That's because she may well have ended up in a haunted house movie, and you'd be forgiven for thinking so to right up to the point where the story exploded into violence. This was one of many horrors to emerge from Australia (and New Zealand, for that matter - it was a co-production) during the seventies and eighties that reflected an attempt by that country's filmmakers to keep up with the steady stream of product from overseas, although Next of Kin was far more thoughtful for the most part than many of its contemporaries. That was until all that carefully wrought atmosphere went flying out the window.
Before that happens, what you have is something that could just as easily have been a vintage ghost story set in Victorian times, it has that mood of the classic, shivery tales as its heroine delves into the past to find out what precisely happened at that old house she now owns, however reluctantly.
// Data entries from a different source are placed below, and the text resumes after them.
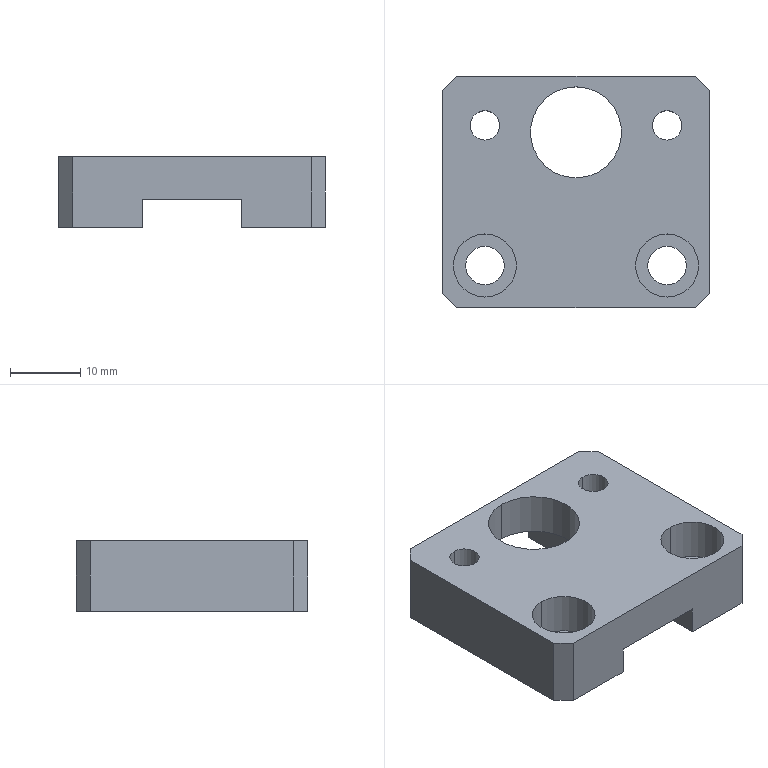Component | SolidWorks | DZ.KX.203-TC1505-30-09-01-05-19-1 | 1 solid | 30 faces | box 38 x 33 x 10 mm | volume 8585 mm3 | plane 16 | cylinder 14 | commonest cylinder face diameters 9 x4 5.5 x4 4.2 x4 13 x2
STEP:
#1=CARTESIAN_POINT('',(11.083,-23.614,0.8291));
#2=VERTEX_POINT('',#1);
#3=CARTESIAN_POINT('',(11.083,-23.26,0.8291));
#4=VERTEX_POINT('',#3);
#5=CARTESIAN_POINT('',(11.083,-23.437,0.8291));
#6=DIRECTION('',(0.,0.,1.));
#7=DIRECTION('',(0.,1.,0.));
#8=AXIS2_PLACEMENT_3D('',#5,#6,#7);
#9=CIRCLE('',#8,0.1772);
#10=EDGE_CURVE('',#2,#4,#9,.T.);
#11=ORIENTED_EDGE('',*,*,#10,.F.);
#12=CARTESIAN_POINT('',(11.083,-23.614,1.065));
#13=VERTEX_POINT('',#12);
#14=CARTESIAN_POINT('',(11.083,-23.614,1.065));
#15=DIRECTION('',(0.,0.,1.));
#16=VECTOR('',#15,39.37);
#17=LINE('',#14,#16);
#18=EDGE_CURVE('',#2,#13,#17,.T.);
#19=ORIENTED_EDGE('',*,*,#18,.T.);
#20=CARTESIAN_POINT('',(11.083,-23.26,1.065));
#21=VERTEX_POINT('',#20);
#22=CARTESIAN_POINT('',(11.083,-23.437,1.065));
#23=DIRECTION('',(0.,0.,1.));
#24=DIRECTION('',(0.,1.,0.));
#25=AXIS2_PLACEMENT_3D('',#22,#23,#24);
#26=CIRCLE('',#25,0.1772);
#27=EDGE_CURVE('',#13,#21,#26,.T.);
#28=ORIENTED_EDGE('',*,*,#27,.T.);
#29=CARTESIAN_POINT('',(11.083,-23.26,1.065));
#30=DIRECTION('',(0.,0.,1.));
#31=VECTOR('',#30,39.37);
#32=LINE('',#29,#31);
#33=EDGE_CURVE('',#4,#21,#32,.T.);
#34=ORIENTED_EDGE('',*,*,#33,.F.);
#35=EDGE_LOOP('',(#11,#19,#28,#34));
#36=FACE_OUTER_BOUND('',#35,.T.);
#37=CARTESIAN_POINT('',(11.083,-23.437,1.065));
#38=DIRECTION('',(0.,0.,1.));
#39=DIRECTION('',(0.,1.,0.));
#40=AXIS2_PLACEMENT_3D('',#37,#38,#39);
#41=CYLINDRICAL_SURFACE('',#40,0.1772);
#42=ADVANCED_FACE('',(#36),#41,.F.);
#43=CARTESIAN_POINT('',(11.083,-23.329,0.6716));
#44=VERTEX_POINT('',#43);
#45=CARTESIAN_POINT('',(11.083,-23.546,0.6716));
#46=VERTEX_POINT('',#45);
#47=CARTESIAN_POINT('',(11.083,-23.437,0.6716));
#48=DIRECTION('',(-0.,-0.,-1.));
#49=DIRECTION('',(0.,-1.,0.));
#50=AXIS2_PLACEMENT_3D('',#47,#48,#49);
#51=CIRCLE('',#50,0.1083);
#52=EDGE_CURVE('',#44,#46,#51,.T.);
#53=ORIENTED_EDGE('',*,*,#52,.T.);
#54=CARTESIAN_POINT('',(11.083,-23.546,0.8291));
#55=VERTEX_POINT('',#54);
#56=CARTESIAN_POINT('',(11.083,-23.546,1.065));
#57=DIRECTION('',(0.,0.,1.));
#58=VECTOR('',#57,39.37);
#59=LINE('',#56,#58);
#60=EDGE_CURVE('',#46,#55,#59,.T.);
#61=ORIENTED_EDGE('',*,*,#60,.T.);
#62=CARTESIAN_POINT('',(11.083,-23.329,0.8291));
#63=VERTEX_POINT('',#62);
#64=CARTESIAN_POINT('',(11.083,-23.437,0.8291));
#65=DIRECTION('',(0.,0.,1.));
#66=DIRECTION('',(0.,1.,0.));
#67=AXIS2_PLACEMENT_3D('',#64,#65,#66);
#68=CIRCLE('',#67,0.1083);
#69=EDGE_CURVE('',#55,#63,#68,.T.);
#70=ORIENTED_EDGE('',*,*,#69,.T.);
#71=CARTESIAN_POINT('',(11.083,-23.329,1.065));
#72=DIRECTION('',(0.,0.,1.));
#73=VECTOR('',#72,39.37);
#74=LINE('',#71,#73);
#75=EDGE_CURVE('',#44,#63,#74,.T.);
#76=ORIENTED_EDGE('',*,*,#75,.F.);
#77=EDGE_LOOP('',(#53,#61,#70,#76));
#78=FACE_OUTER_BOUND('',#77,.T.);
#79=CARTESIAN_POINT('',(11.083,-23.437,1.065));
#80=DIRECTION('',(0.,0.,1.));
#81=DIRECTION('',(0.,1.,0.));
#82=AXIS2_PLACEMENT_3D('',#79,#80,#81);
#83=CYLINDRICAL_SURFACE('',#82,0.1083);
#84=ADVANCED_FACE('',(#78),#83,.F.);
#85=CARTESIAN_POINT('',(12.106,-23.614,0.8291));
#86=VERTEX_POINT('',#85);
#87=CARTESIAN_POINT('',(12.106,-23.26,0.8291));
#88=VERTEX_POINT('',#87);
#89=CARTESIAN_POINT('',(12.106,-23.437,0.8291));
#90=DIRECTION('',(0.,0.,1.));
#91=DIRECTION('',(0.,1.,0.));
#92=AXIS2_PLACEMENT_3D('',#89,#90,#91);
#93=CIRCLE('',#92,0.1772);
#94=EDGE_CURVE('',#86,#88,#93,.T.);
#95=ORIENTED_EDGE('',*,*,#94,.F.);
#96=CARTESIAN_POINT('',(12.106,-23.614,1.065));
#97=VERTEX_POINT('',#96);
#98=CARTESIAN_POINT('',(12.106,-23.614,1.065));
#99=DIRECTION('',(0.,0.,1.));
#100=VECTOR('',#99,39.37);
#101=LINE('',#98,#100);
#102=EDGE_CURVE('',#86,#97,#101,.T.);
#103=ORIENTED_EDGE('',*,*,#102,.T.);
#104=CARTESIAN_POINT('',(12.106,-23.26,1.065));
#105=VERTEX_POINT('',#104);
#106=CARTESIAN_POINT('',(12.106,-23.437,1.065));
#107=DIRECTION('',(0.,0.,1.));
#108=DIRECTION('',(0.,1.,0.));
#109=AXIS2_PLACEMENT_3D('',#106,#107,#108);
#110=CIRCLE('',#109,0.1772);
#111=EDGE_CURVE('',#97,#105,#110,.T.);
#112=ORIENTED_EDGE('',*,*,#111,.T.);
#113=CARTESIAN_POINT('',(12.106,-23.26,1.065));
#114=DIRECTION('',(0.,0.,1.));
#115=VECTOR('',#114,39.37);
#116=LINE('',#113,#115);
#117=EDGE_CURVE('',#88,#105,#116,.T.);
#118=ORIENTED_EDGE('',*,*,#117,.F.);
#119=EDGE_LOOP('',(#95,#103,#112,#118));
#120=FACE_OUTER_BOUND('',#119,.T.);
#121=CARTESIAN_POINT('',(12.106,-23.437,1.065));
#122=DIRECTION('',(0.,0.,1.));
#123=DIRECTION('',(0.,1.,0.));
#124=AXIS2_PLACEMENT_3D('',#121,#122,#123);
#125=CYLINDRICAL_SURFACE('',#124,0.1772);
#126=ADVANCED_FACE('',(#120),#125,.F.);
#127=CARTESIAN_POINT('',(12.106,-23.329,0.6716));
#128=VERTEX_POINT('',#127);
#129=CARTESIAN_POINT('',(12.106,-23.546,0.6716));
#130=VERTEX_POINT('',#129);
#131=CARTESIAN_POINT('',(12.106,-23.437,0.6716));
#132=DIRECTION('',(-0.,-0.,-1.));
#133=DIRECTION('',(0.,-1.,0.));
#134=AXIS2_PLACEMENT_3D('',#131,#132,#133);
#135=CIRCLE('',#134,0.1083);
#136=EDGE_CURVE('',#128,#130,#135,.T.);
#137=ORIENTED_EDGE('',*,*,#136,.T.);
#138=CARTESIAN_POINT('',(12.106,-23.546,0.8291));
#139=VERTEX_POINT('',#138);
#140=CARTESIAN_POINT('',(12.106,-23.546,1.065));
#141=DIRECTION('',(0.,0.,1.));
#142=VECTOR('',#141,39.37);
#143=LINE('',#140,#142);
#144=EDGE_CURVE('',#130,#139,#143,.T.);
#145=ORIENTED_EDGE('',*,*,#144,.T.);
#146=CARTESIAN_POINT('',(12.106,-23.329,0.8291));
#147=VERTEX_POINT('',#146);
#148=CARTESIAN_POINT('',(12.106,-23.437,0.8291));
#149=DIRECTION('',(0.,0.,1.));
#150=DIRECTION('',(0.,1.,0.));
#151=AXIS2_PLACEMENT_3D('',#148,#149,#150);
#152=CIRCLE('',#151,0.1083);
#153=EDGE_CURVE('',#139,#147,#152,.T.);
#154=ORIENTED_EDGE('',*,*,#153,.T.);
#155=CARTESIAN_POINT('',(12.106,-23.329,1.065));
#156=DIRECTION('',(0.,0.,1.));
#157=VECTOR('',#156,39.37);
#158=LINE('',#155,#157);
#159=EDGE_CURVE('',#128,#147,#158,.T.);
#160=ORIENTED_EDGE('',*,*,#159,.F.);
#161=EDGE_LOOP('',(#137,#145,#154,#160));
#162=FACE_OUTER_BOUND('',#161,.T.);
#163=CARTESIAN_POINT('',(12.106,-23.437,1.065));
#164=DIRECTION('',(0.,0.,1.));
#165=DIRECTION('',(0.,1.,0.));
#166=AXIS2_PLACEMENT_3D('',#163,#164,#165);
#167=CYLINDRICAL_SURFACE('',#166,0.1083);
#168=ADVANCED_FACE('',(#162),#167,.F.);
#169=CARTESIAN_POINT('',(11.083,-22.567,1.065));
#170=VERTEX_POINT('',#169);
#171=CARTESIAN_POINT('',(11.083,-22.733,1.065));
#172=VERTEX_POINT('',#171);
#173=CARTESIAN_POINT('',(11.083,-22.65,1.065));
#174=DIRECTION('',(-0.,-0.,-1.));
#175=DIRECTION('',(0.,-1.,0.));
#176=AXIS2_PLACEMENT_3D('',#173,#174,#175);
#177=CIRCLE('',#176,0.08268);
#178=EDGE_CURVE('',#170,#172,#177,.T.);
#179=ORIENTED_EDGE('',*,*,#178,.F.);
#180=CARTESIAN_POINT('',(11.083,-22.567,0.6716));
#181=VERTEX_POINT('',#180);
#182=CARTESIAN_POINT('',(11.083,-22.567,0.6716));
#183=DIRECTION('',(-0.,-0.,-1.));
#184=VECTOR('',#183,39.37);
#185=LINE('',#182,#184);
#186=EDGE_CURVE('',#170,#181,#185,.T.);
#187=ORIENTED_EDGE('',*,*,#186,.T.);
#188=CARTESIAN_POINT('',(11.083,-22.733,0.6716));
#189=VERTEX_POINT('',#188);
#190=CARTESIAN_POINT('',(11.083,-22.65,0.6716));
#191=DIRECTION('',(-0.,-0.,-1.));
#192=DIRECTION('',(0.,-1.,0.));
#193=AXIS2_PLACEMENT_3D('',#190,#191,#192);
#194=CIRCLE('',#193,0.08268);
#195=EDGE_CURVE('',#181,#189,#194,.T.);
#196=ORIENTED_EDGE('',*,*,#195,.T.);
#197=CARTESIAN_POINT('',(11.083,-22.733,0.6716));
#198=DIRECTION('',(-0.,-0.,-1.));
#199=VECTOR('',#198,39.37);
#200=LINE('',#197,#199);
#201=EDGE_CURVE('',#172,#189,#200,.T.);
#202=ORIENTED_EDGE('',*,*,#201,.F.);
#203=EDGE_LOOP('',(#179,#187,#196,#202));
#204=FACE_OUTER_BOUND('',#203,.T.);
#205=CARTESIAN_POINT('',(11.083,-22.65,0.6716));
#206=DIRECTION('',(-0.,-0.,-1.));
#207=DIRECTION('',(0.,-1.,0.));
#208=AXIS2_PLACEMENT_3D('',#205,#206,#207);
#209=CYLINDRICAL_SURFACE('',#208,0.08268);
#210=ADVANCED_FACE('',(#204),#209,.F.);
#211=CARTESIAN_POINT('',(12.106,-22.567,1.065));
#212=VERTEX_POINT('',#211);
#213=CARTESIAN_POINT('',(12.106,-22.733,1.065));
#214=VERTEX_POINT('',#213);
#215=CARTESIAN_POINT('',(12.106,-22.65,1.065));
#216=DIRECTION('',(-0.,-0.,-1.));
#217=DIRECTION('',(0.,-1.,0.));
#218=AXIS2_PLACEMENT_3D('',#215,#216,#217);
#219=CIRCLE('',#218,0.08268);
#220=EDGE_CURVE('',#212,#214,#219,.T.);
#221=ORIENTED_EDGE('',*,*,#220,.F.);
#222=CARTESIAN_POINT('',(12.106,-22.567,0.6716));
#223=VERTEX_POINT('',#222);
#224=CARTESIAN_POINT('',(12.106,-22.567,0.6716));
#225=DIRECTION('',(-0.,-0.,-1.));
#226=VECTOR('',#225,39.37);
#227=LINE('',#224,#226);
#228=EDGE_CURVE('',#212,#223,#227,.T.);
#229=ORIENTED_EDGE('',*,*,#228,.T.);
#230=CARTESIAN_POINT('',(12.106,-22.733,0.6716));
#231=VERTEX_POINT('',#230);
#232=CARTESIAN_POINT('',(12.106,-22.65,0.6716));
#233=DIRECTION('',(-0.,-0.,-1.));
#234=DIRECTION('',(0.,-1.,0.));
#235=AXIS2_PLACEMENT_3D('',#232,#233,#234);
#236=CIRCLE('',#235,0.08268);
#237=EDGE_CURVE('',#223,#231,#236,.T.);
#238=ORIENTED_EDGE('',*,*,#237,.T.);
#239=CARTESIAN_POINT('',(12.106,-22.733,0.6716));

Actually, it's difficult to fathom exactly how Linda feels about her new position for she is a very buttoned down personality, and we mainly find out what she is thinking from how she reacts to the strangeness building around her. What we do know is that she is investigating what may or may not have happened to her aunt, and how responsible her mother had been for her.
We also know that the residents are turning up dead, but as this is set in an old folks' home nobody is taking that much interest as that's what you would expect to happen to them. There does seem to be a menace linked to water, though this is more an artistic choice by director and co-writer Tony Williams than anything more overtly connected to the plot, so characters are drowned, the rain pours down in powerful storms, and there's a neat trick with the fountain that signals the mayhem is really about to start. As Linda uncovers more, you begin to piece together the facts as slowly as she does, and if Next of Kin was anything it was slow, deliberately paced and taking its time.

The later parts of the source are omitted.